Traditional model-free RL algorithms can be broadly classified as being value-based or policy-based. The core principle of value-based algorithms is reward prediction: agents are trained to predict the expected discounted future return for taking any action in any state, commonly using TD learning. Policy-based algorithms are instead based on directly searching for policies that maximize returns. The basic principle of ⅂ꓤ are different from both of these categories: given a particular definition of _commands_, it defines a _behavior function_ that encapsulates knowledge about the behaviors observed so far compatible with known commands. The nature of the behavior function is explained using two examples below.

### Example 1

Consider a simple dart-throwing environment where each episode lasts a single step. An agent learning to throw darts receives a return inversely proportional to the hit distance from the center of the board. In each episode, the agent observes the initial state of the dart, and takes an action that determines the force and direction of the throw. Using value-based RL for this task would amount to training the agent to predict the expected return for various actions and initial states. This knowledge would then be used for action selection e.g. taking the action with the highest expected return.
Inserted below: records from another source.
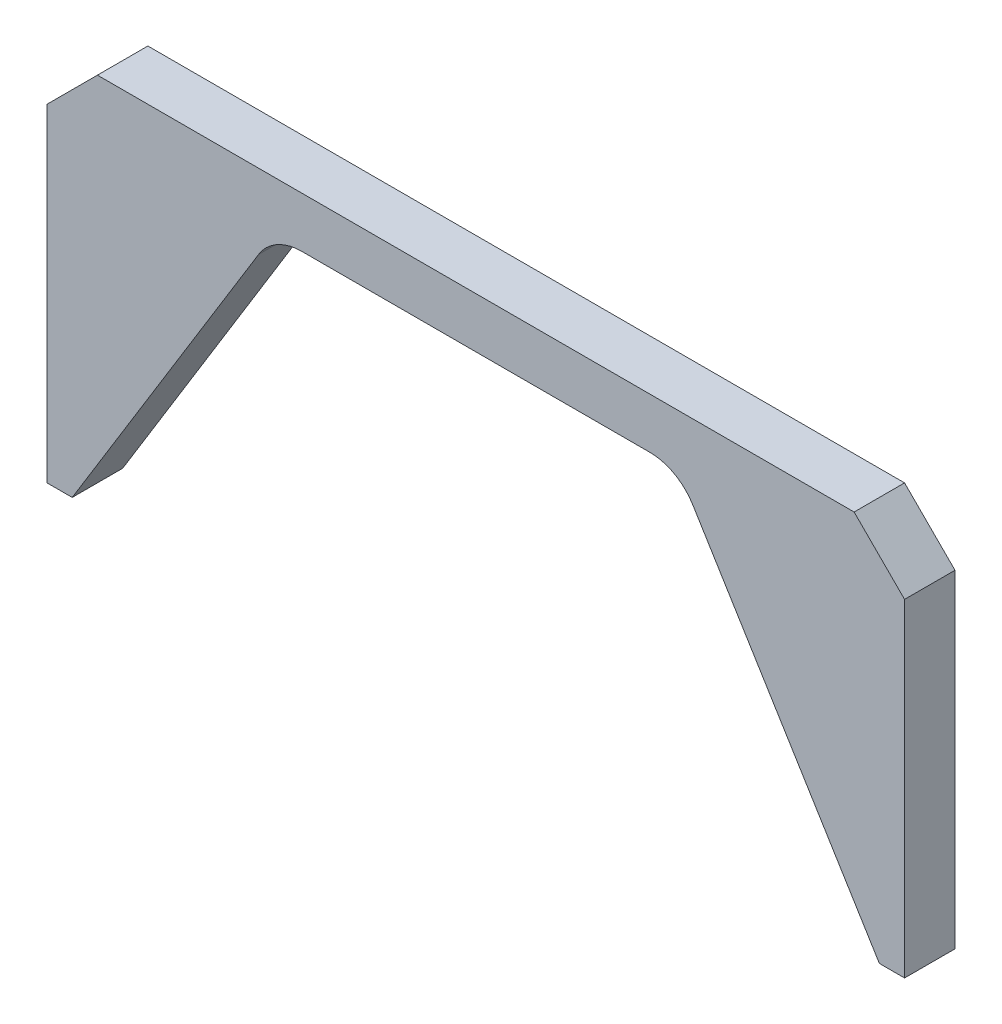
SolidWorks part; units mm, degrees
material "Q235B"
ref_plane "Front Plane" through (0, 0, 0) normal (0, 0, 1) x (1, 0, 0)
ref_plane "Top Plane" through (0, 0, 0) normal (0, 1, 0) x (1, 0, 0)
ref_plane "Right Plane" through (0, 0, 0) normal (1, 0, 0) x (0, 0, -1)
sketch "Sketch1" plane through (0, 0, 0) normal (0, 0, 1) x (1, 0, 0)
  line L0 (-85, 0) -> (-80, 0)
  line L1 (-80, 0) -> (-43.0221, 60.2319)
  line L2 (-34.5, 65) -> (34.5, 65)
  line L3 (0, 65) -> (0, 75) construction
  line L4 (85, 75) -> (-85, 75)
  line L5 (-85, 75) -> (-85, 0)
  line L6 (85, 75) -> (85, 0)
  line L7 (80, 0) -> (43.0221, 60.2319)
  line L8 (85, 0) -> (80, 0)
  arc A0 (43.0221, 60.2319) -> (34.5, 65) centre (34.5, 55) ccw
  arc A1 (-43.0221, 60.2319) -> (-34.5, 65) centre (-34.5, 55) cw
  point P13 (40.0949, 65)
  point P16 (-40.0949, 65)
  dimension "D5" = 10
  dimension "D1" = 170
  dimension "D2" = 160
  dimension "D3" = 65
  dimension "D4" = 75
  dimension "D6" = 69
extrude "Boss-Extrude1" add sketch "Sketch1" along normal mid plane 10
chamfer "Chamfer1" distance 10 angle 45 2 edges at (85, 75, 0) (-85, 75, 0)

In ⅂ꓤ, the agent’s knowledge is represented not in terms of expected returns for various states and actions, but in terms of actions that are compatible with various states and desired returns i.e. the inputs and targets of the agent’s learning procedure are switched. The dart throwing agent would be trained to directly produce the actions for hitting desired locations on the board, using a behavior function B<sup>2</sup> learned using its past experience. Figure 1 schematically illustrates this difference between B and the Q-value function commonly used in value based RL. Since this environment consists of episodes with a single time step, both Q and B can be learned using SL. 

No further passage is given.